António Júlio Estácio

Não esquecendo o passado e recordando o ambiente em que nos criamos, permitam-me que, nesta quadra festiva, vos saúde como era hábito fazer-se na Guiné.

Com um abraço e votos de Festas Felizes, sobretudo com muita saúde 

António J. Estácio

Natal (antigo) na Guiné

Outrora e até o início dos anos 70 do séc. XX, era frequente, nas noites de 24 e 31 de Dezembro, as ruas da cidade de Bissau serem percorridas por grupos de jovens guineenses, oriundos dos bairros periféricos, que transportavam interessantes réplicas de igrejas e capelas.

Eram as chamadas “Capelinhas”.

Feitas numa estrutura de madeira muito leve, vulgarmente denominada por “tara” (Raphia sp. Exsicc. Esp. Santo 766), apresentavam-se forradas a papel de seda, contendo, no seu interior, várias pagelas de santos e, ao centro, um coto de vela que, no breu da noite, as iluminava, conferindo ao conjunto um aspecto de particular carinho e ternura.

Os grupos de miúdos percorriam as ruas de Bissau, cantando, de casa em casa, saudando em crioulo e a troco de 5 tostões (1) os moradores com a seguinte cantilena:

                          I

"S. José, sagrado e Nha Maria,
Ai quando foi, quando foi, para Bélém,
A resgatar Menino di Jesus,
L’ ao pé, l’ ao pé da Santa Cruz.

                          II

Adório o mistério, sobrinho de minha alma,
Sobrinho de minha alma, do o Senhor,
Todo o doce encanto, todo reminado,
Todo o doce encanto, sempre a chorar.
Ai, ai, ai, ai, de vez em quando, sempre a chorar.

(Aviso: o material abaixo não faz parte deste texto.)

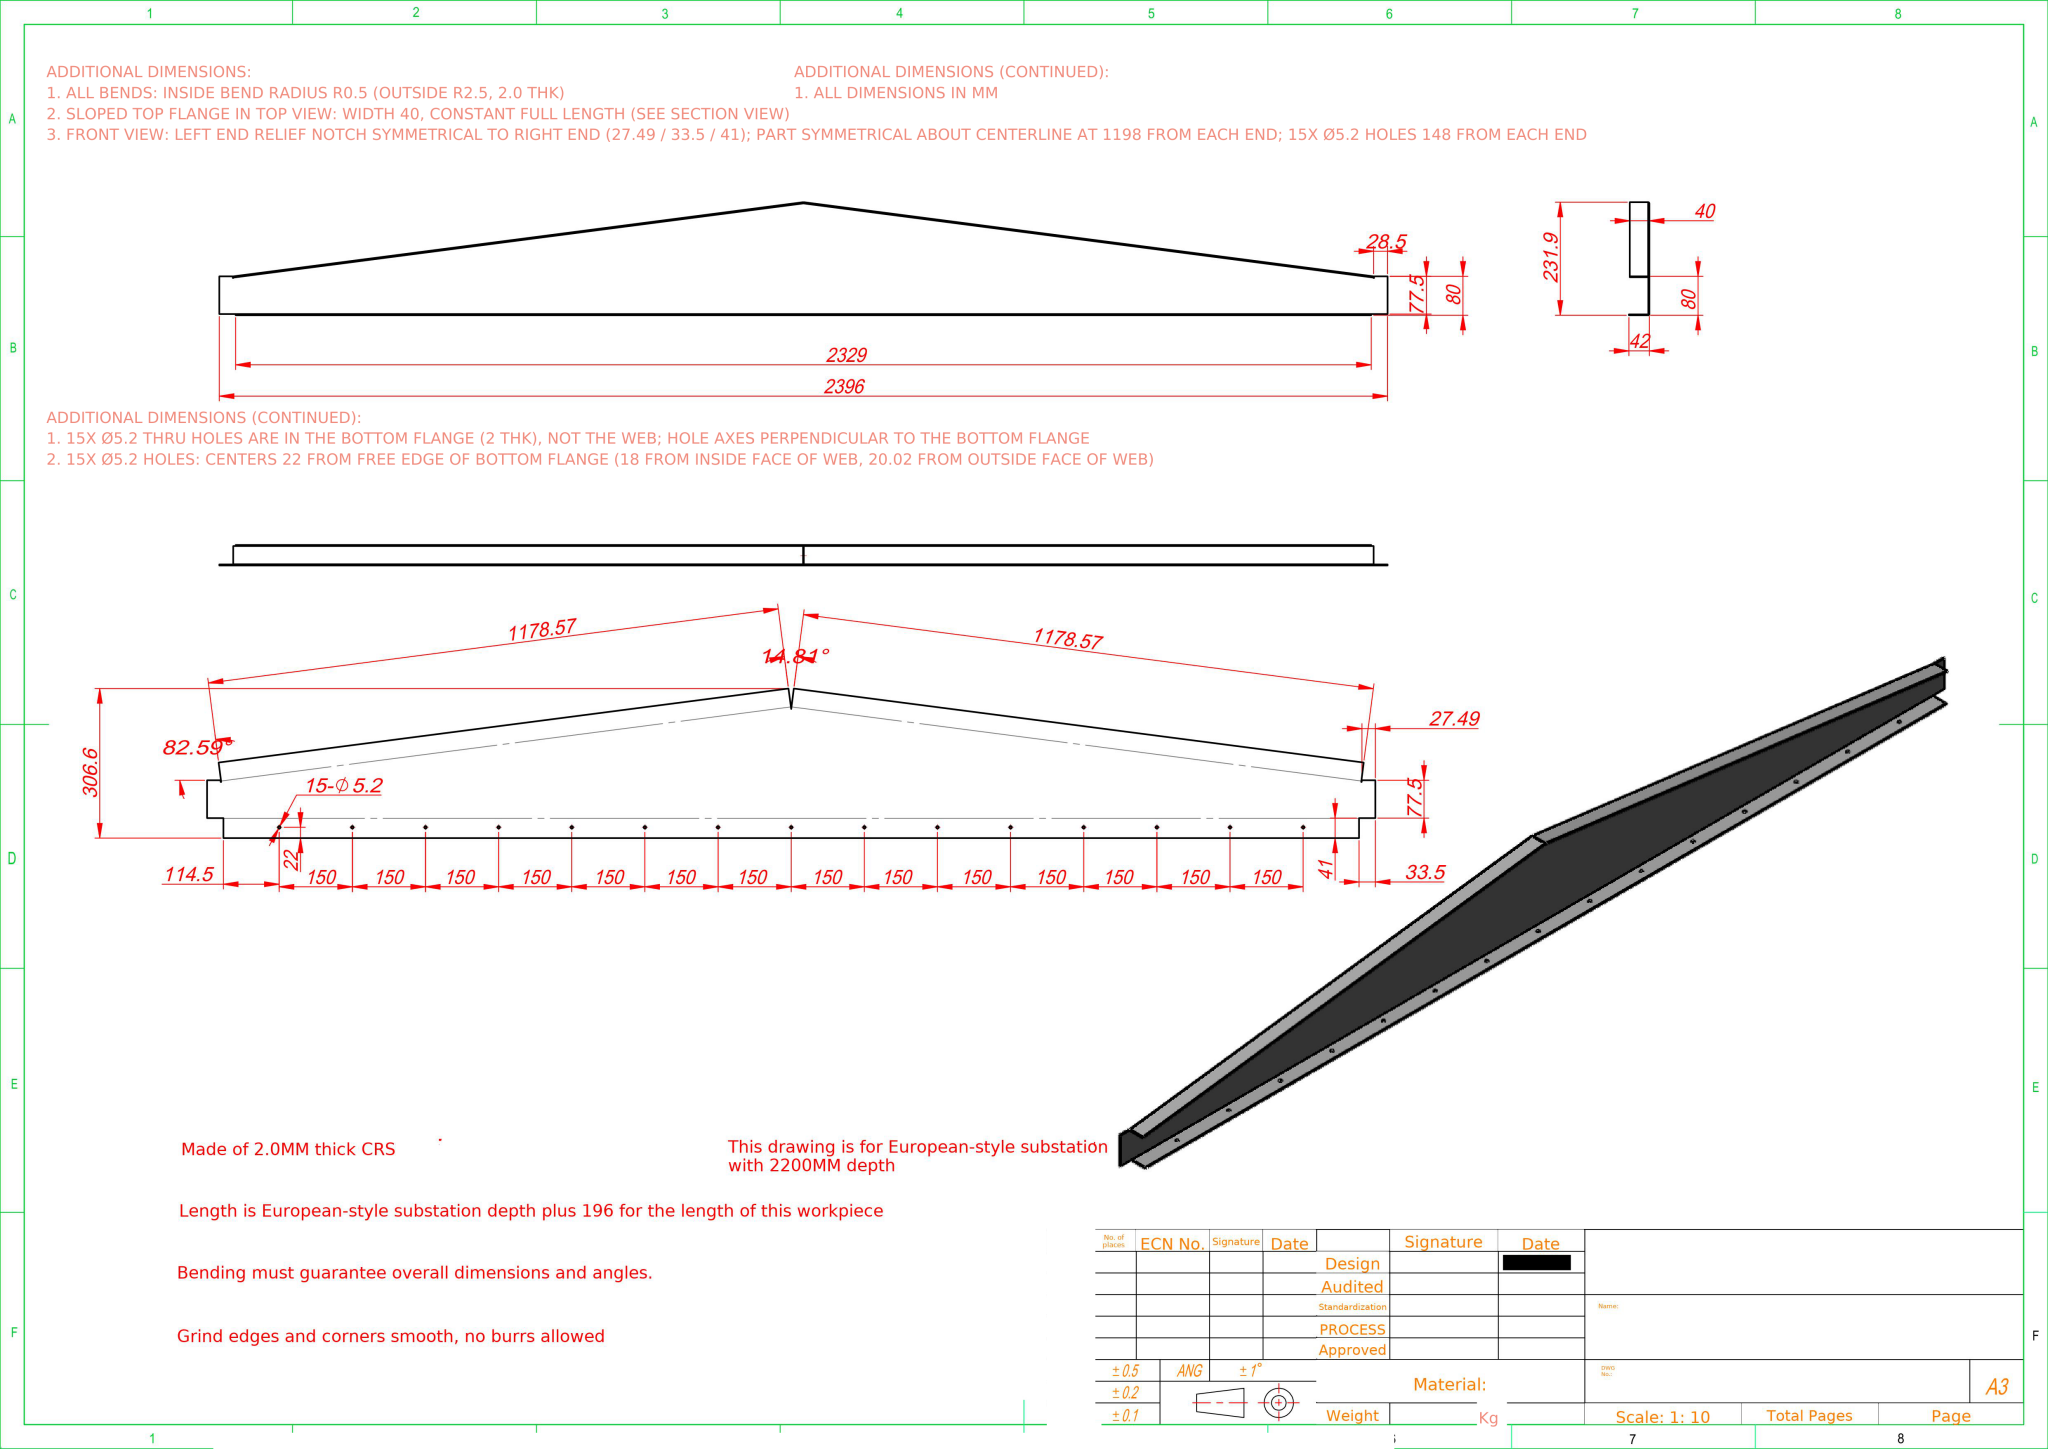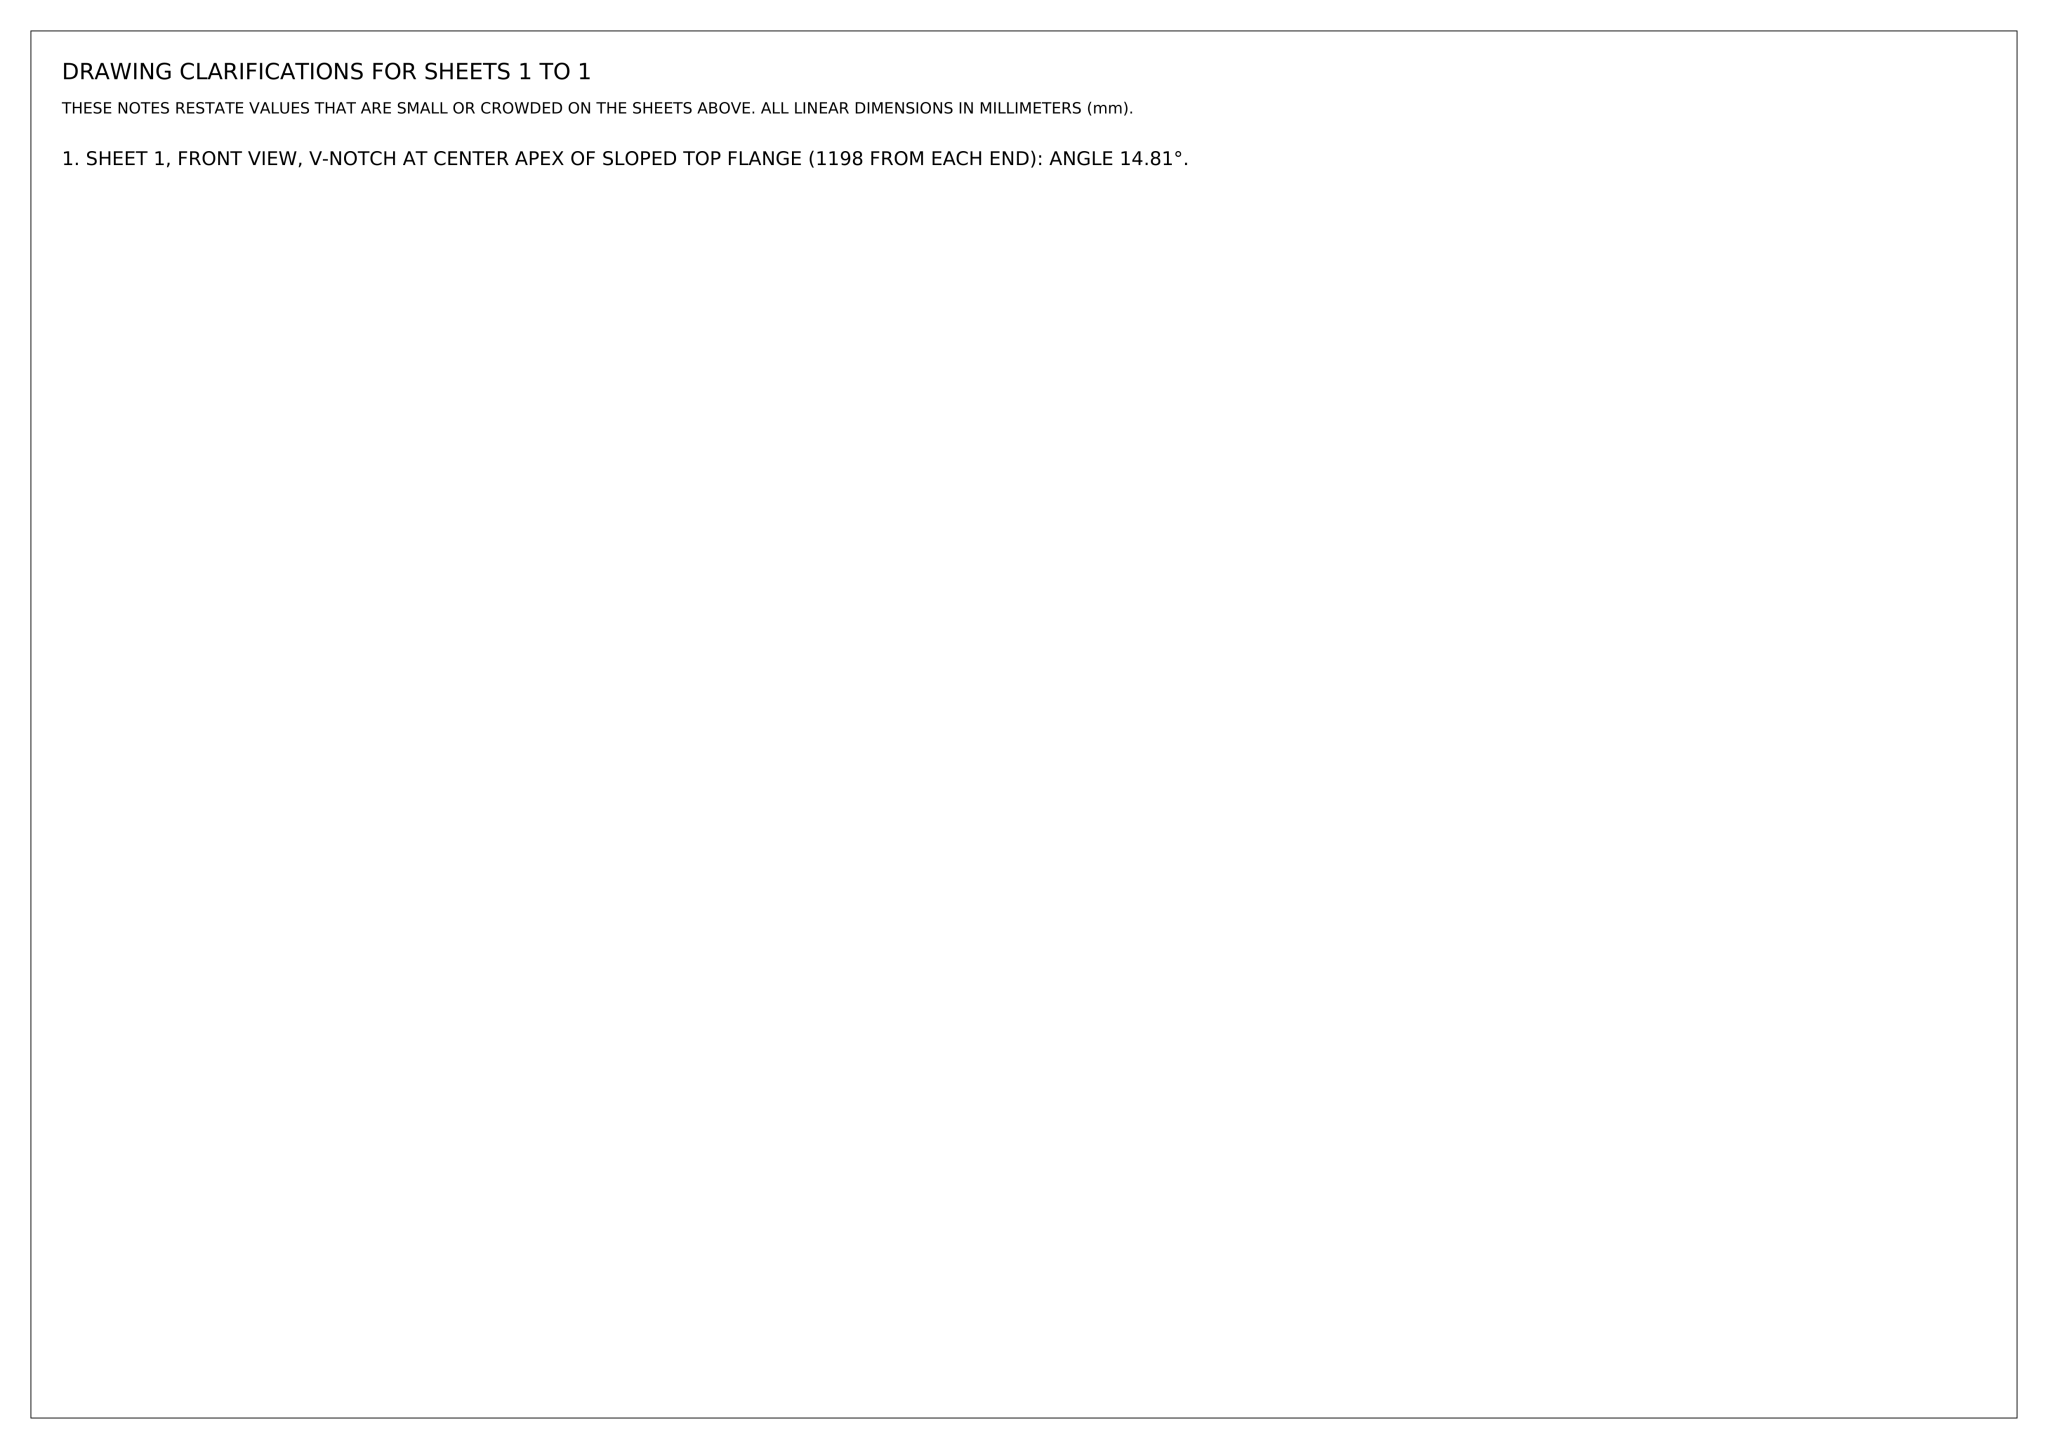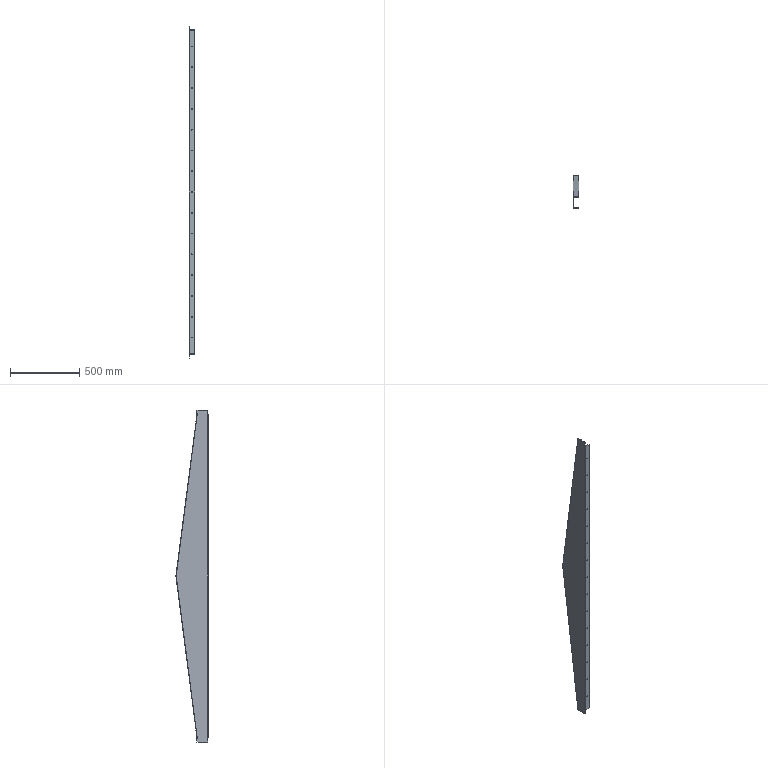Part | NX | mm | 1 solid | 70 faces | box 42 x 231.9 x 2396 mm | volume 1097327 mm3 | cylinder 36 | plane 32 | spline 2 | commonest cylinder face diameters 5.2 x30 5 x3 1 x3

                           III

A Angelina, a Angelina qui já moreu
Si não podia confessar senão do Papa,
Senão do Papa, se não do Bispo se confessou
Para pédir Boas Festas, boas almas.

                           IV

Adório o mistério, sobrinho de minha alma,
Sobrinho de minha alma, do o Senhor,
... ... ... ... ... ... ... ... ... . ...."

Eram, sequencialmente, acompanhados pelos famosos bonecos, tipo espantalhos feitos de papelão, presos numa cana ou pequena haste de madeira, com os braços e pernas articulados, graças a um sistema de cordéis interligados, nas costas, dos referidos bonecos.

Eram conhecidos pela designação de “Quincões”. Os garotos accionavam-nos freneticamente na repetitiva ladainha, que assim dizia:

Quincon, quincon,   

Cabeça de com (2),

Quincom, quincom,

Rabada de com. 

Hoje, quanto sei, a tradição não existe, mas perdura no coração de muitos de nós.

 

 

 

 

Ao lado, uma capelinha e um quincon.

(1) A que, em crioulo, designavam por “dôs xelins”, ou seja dois xelins.